Treasury Hikes Borrowing Estimate To $1 Trillion This Quarter As It Scrambles To Rebuild Cash

Courtesy of ZeroHedge View original post here.

Six months ago, at the start of May when the Treasury was busy spending hundreds of billions of cash parked in the Fed’s Treasury General Account in a form of stealth QE, the US government surprised markets when it announced that it expected to release just $100BN in cash in May and June, bringing its total cash balance to $800BN by the end of June, and then just another $50BN lower three months later, or $750BN at the end of Sept. Additionally, the Treasury assumed a cash balance of approximately $450 billion at the expiration of the debt limit suspension on July 31 based on expected outflows under its cash management policies. And while the Treasury caveat that “the actual cash balance on July 31 may vary from this assumption based on changes to expected outflows in that period” its estimate was surprisingly spot on, with the latest Daily Treasury Statement showing $459 billion as of the end of July, not far from its forecast.

Then, three months later, the Treasury released yet another estimate of Treasury Marketable Borrowing which showed that the Treasury plans on borrowing almost $1.4 trillion in the second half of calendar 2021, it hopes of ending the year with $800 billion in cash – well below the $1.7 trillion in cash it held at the end of 2020 – and last but not least, assumes that a debt limit suspension or increase will be enacted.

Well, since then the debt ceiling has still not been lifted even if the Biden admin did get a two-month extension until early December, during which it can replenish some of its cash buffer, at which point another vote will be required either kicking the can again on the debt ceiling or lifting it outright. And as a result, the Treasury has been quite busy selling T-Bills and Cash Management Bills and rebuilding in the process draining some of the cash in the repo facility. As a reminder, the total cash holdings between the O/N repo facility and the TGA account have been mostly flate since July, and recent weeks have been no difference; it’s also why overnight the Fed’s reverse repo facility saw the biggest one day drop since Oct 1, as seventy-four participants took down $1.359 trillion, down $143 billion from $1.502 trillion on Oct. 29.

Which brings us to today’s latest quarterly edition of the Treasury’s marketable borrowing estimates, according to which the Treasury plans on issuing $1.015 trillion in net marketable debt in the Oct-Dec quarter, up $312BN from the Aug estimate of $703bln. This increase in borrowing estimates is due to the lower beginning cash balance in the Oct-Dec quarter, which was at just $215BN to start, far below the $750BN forecast in August. And since the Treasury hopes to grow that cash balance by $435BN to $650BN, or much more than the $50BN in cash growth previously forecast, that’s why the Treasury is expecting far greater net issuance this quarter.
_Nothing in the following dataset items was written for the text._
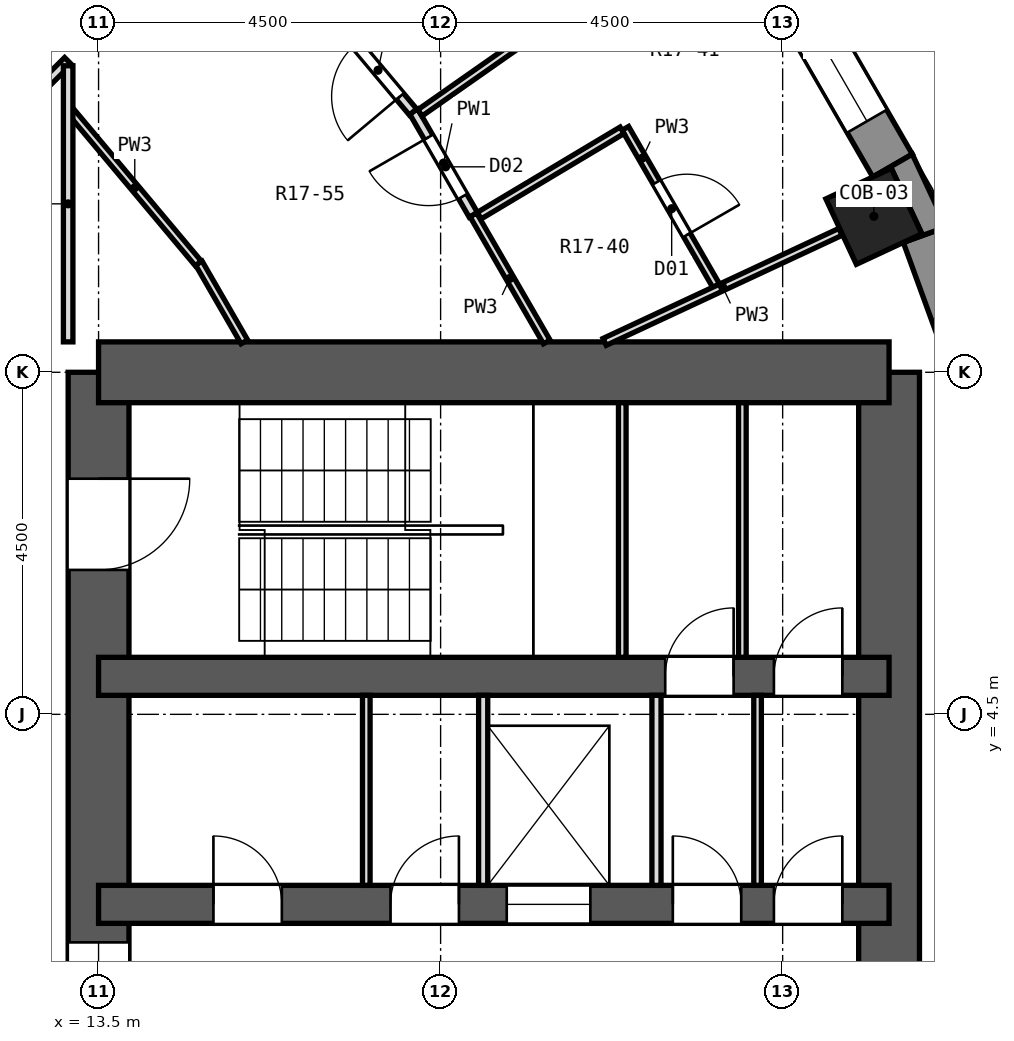
"""IFC4 building model, lengths in metres.
Left out: names, types, materials, properties, quantities, classifications, styles, units other than length and angle.
Written with IfcOpenShell. Run it as: python <this file> out.ifc"""

import sys

from ifc_helpers import new_model, si_unit, direction, frame, frame_2d, origin, origin_2d, place, context, subcontext, project, spatial, polyline, rectangle, outline, extrude, element, fill, save


model = new_model("IFC4")
c1 = context("Model", 3, precision=1e-05, world=origin(), true_north=direction((0.0, 1.0)))
c2 = subcontext(c1, "Body", "Model", "MODEL_VIEW")
j1 = project(units=[si_unit("LENGTHUNIT", "METRE"), si_unit("PLANEANGLEUNIT", "RADIAN")], contexts=[c1])
p1 = place(None, origin())
s1 = spatial("IfcSite", under=j1, at=p1, CompositionType="ELEMENT")
p2 = place(p1, origin())
s2 = spatial("IfcBuilding", under=s1, at=p2, CompositionType="ELEMENT")
p3 = place(p2, frame((0.0, 0.0, 91.9)))
s3 = spatial("IfcBuildingStorey", under=s2, at=p3, CompositionType="ELEMENT", Elevation=91.9)
p4 = place(p3, frame((23.7, 11.052, 0.0), z_axis=(0.0, 0.0, 1.0), x_axis=(0.906307787037, 0.422618261741, 0.0)))
e1 = element("IfcColumn", 1, at=p4, inside=s3, PredefinedType="COLUMN", context=c2, shape_type="SweptSolid", body=[
    extrude(rectangle(XDim=0.95, YDim=0.95, at=origin_2d()), origin(), (0.0, 0.0, 1.0), 3.3),
])
p5 = place(p3, frame((13.5, -9.0, 0.0), z_axis=(0.0, 0.0, 1.0), x_axis=(0.0, 1.0, 0.0)))
e2 = element("IfcWall", 2, at=p5, inside=s3, PredefinedType="SHEAR", context=c2, shape_type="SweptSolid", body=[
    extrude(rectangle(XDim=18.0, YDim=0.8, at=frame_2d((9.0, 0.0))), origin(), (0.0, 0.0, 1.0), 3.3),
])
p6 = place(p5, frame((15.4, 0.0, 0.0)))
e3 = element("IfcOpeningElement", 3, at=p6, cuts=e2, PredefinedType="OPENING", context=c2, shape_type="SweptSolid", body=[
    extrude(rectangle(XDim=1.2, YDim=2.1, at=frame_2d((0.6, 1.05))), frame((0.0, 0.412, 0.0), z_axis=(0.0, -1.0, 0.0), x_axis=(1.0, 0.0, 0.0)), (0.0, 0.0, 1.0), 0.824),
])
p7 = place(p5, frame((1.4, 0.0, 0.0)))
e4 = element("IfcOpeningElement", 4, at=p7, cuts=e2, PredefinedType="OPENING", context=c2, shape_type="SweptSolid", body=[
    extrude(rectangle(XDim=1.2, YDim=2.1, at=frame_2d((0.6, 1.05))), frame((0.0, 0.412, 0.0), z_axis=(0.0, -1.0, 0.0), x_axis=(1.0, 0.0, 0.0)), (0.0, 0.0, 1.0), 0.824),
])
p8 = place(p5, frame((7.5, 0.0, 0.0)))
e5 = element("IfcOpeningElement", 5, at=p8, cuts=e2, PredefinedType="OPENING", context=c2, shape_type="SweptSolid", body=[
    extrude(rectangle(XDim=3.0, YDim=2.4, at=frame_2d((1.5, 1.2))), frame((0.0, 0.412, 0.0), z_axis=(0.0, -1.0, 0.0), x_axis=(1.0, 0.0, 0.0)), (0.0, 0.0, 1.0), 0.824),
])
p9 = place(p3, frame((23.9, -9.0, 0.0), z_axis=(0.0, 0.0, 1.0), x_axis=(0.0, 1.0, 0.0)))
e6 = element("IfcWall", 6, at=p9, inside=s3, PredefinedType="SHEAR", context=c2, shape_type="SweptSolid", body=[
    extrude(rectangle(XDim=18.0, YDim=0.8, at=frame_2d((9.0, 0.0))), origin(), (0.0, 0.0, 1.0), 3.3),
])
p10 = place(p3, frame((13.5, 9.0, 0.0), z_axis=(0.0, 0.0, 1.0), x_axis=(1.0, 0.0, 0.0)))
e7 = element("IfcWall", 7, at=p10, inside=s3, PredefinedType="SHEAR", context=c2, shape_type="SweptSolid", body=[
    extrude(rectangle(XDim=10.4, YDim=0.8, at=frame_2d((5.2, 0.0))), origin(), (0.0, 0.0, 1.0), 3.3),
])
p11 = place(p3, frame((13.5, 5.0, 0.0), z_axis=(0.0, 0.0, 1.0), x_axis=(1.0, 0.0, 0.0)))
e8 = element("IfcWall", 8, at=p11, inside=s3, PredefinedType="SHEAR", context=c2, shape_type="SweptSolid", body=[
    extrude(rectangle(XDim=10.4, YDim=0.5, at=frame_2d((5.2, 0.0))), origin(), (0.0, 0.0, 1.0), 3.3),
])
p12 = place(p11, frame((7.455, 0.0, 0.0)))
e9 = element("IfcOpeningElement", 9, at=p12, cuts=e8, PredefinedType="OPENING", context=c2, shape_type="SweptSolid", body=[
    extrude(rectangle(XDim=0.9, YDim=2.1, at=frame_2d((0.45, 1.05))), frame((0.0, 0.262, 0.0), z_axis=(0.0, -1.0, 0.0), x_axis=(1.0, 0.0, 0.0)), (0.0, 0.0, 1.0), 0.524),
])
p13 = place(p11, frame((8.885, 0.0, 0.0)))
e10 = element("IfcOpeningElement", 10, at=p13, cuts=e8, PredefinedType="OPENING", context=c2, shape_type="SweptSolid", body=[
    extrude(rectangle(XDim=0.9, YDim=2.1, at=frame_2d((0.45, 1.05))), frame((0.0, 0.262, 0.0), z_axis=(0.0, -1.0, 0.0), x_axis=(1.0, 0.0, 0.0)), (0.0, 0.0, 1.0), 0.524),
])
p14 = place(p3, frame((13.5, 2.0, 0.0), z_axis=(0.0, 0.0, 1.0), x_axis=(1.0, 0.0, 0.0)))
e11 = element("IfcWall", 11, at=p14, inside=s3, PredefinedType="SHEAR", context=c2, shape_type="SweptSolid", body=[
    extrude(rectangle(XDim=10.4, YDim=0.5, at=frame_2d((5.2, 0.0))), origin(), (0.0, 0.0, 1.0), 3.3),
])
p15 = place(p14, frame((5.37, 0.0, 0.0)))
e12 = element("IfcOpeningElement", 12, at=p15, cuts=e11, PredefinedType="OPENING", context=c2, shape_type="SweptSolid", body=[
    extrude(rectangle(XDim=1.1, YDim=2.1, at=frame_2d((0.55, 1.05))), frame((0.0, 0.262, 0.0), z_axis=(0.0, -1.0, 0.0), x_axis=(1.0, 0.0, 0.0)), (0.0, 0.0, 1.0), 0.524),
])
p16 = place(p14, frame((1.511, 0.0, 0.0)))
e13 = element("IfcOpeningElement", 13, at=p16, cuts=e11, PredefinedType="OPENING", context=c2, shape_type="SweptSolid", body=[
    extrude(rectangle(XDim=0.9, YDim=2.1, at=frame_2d((0.45, 1.05))), frame((0.0, 0.262, 0.0), z_axis=(0.0, -1.0, 0.0), x_axis=(1.0, 0.0, 0.0)), (0.0, 0.0, 1.0), 0.524),
])
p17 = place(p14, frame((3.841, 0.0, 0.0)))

In other words, the $385BN in additional cash this quarter will come from an incremental $312BN in additional net issuance. All of this is shown below:

US Treasury Sources and Uses table

Here is the breakdown directly from the Treasury:

  • During the October – December 2021 quarter, Treasury expects to borrow $1,015 billion in privately-held net marketable debt, assuming an end-of-December cash balance of $650 billion. The borrowing estimate is $312 billion higher than announced in August 2021, primarily due to the lower beginning of quarter balance, somewhat offset by a lower end-of-quarter balance and higher receipts.
  • During the January – March 2022 quarter, Treasury expects to borrow $476 billion in privately-held net marketable debt, assuming an end-of-March cash balance of $650 billion.

Of course, since far less cash was raised in the past quarter due to the continued debt ceiling overhang, during the July – September 2021 quarter, Treasury borrowed only $103 billion in privately-held net marketable debt (and ended the quarter with a cash balance of $215 billion). This is $570 billion less than the amount the Treasury had originally estimated back in August, when it forecast $673 billion in net marketable borrowing and assumed an end-of-September cash balance of $750 billion. The $570 billion decrease in borrowing resulted primarily from the decrease in the end-of-September cash balance and, to a less extent, from an increase in receipts and a decrease in expenditures.

The original and revised Treasury cash forecast is below – it shows that the Treasury now expects total cash to rise from $260 billion currently to $650 billion by year end.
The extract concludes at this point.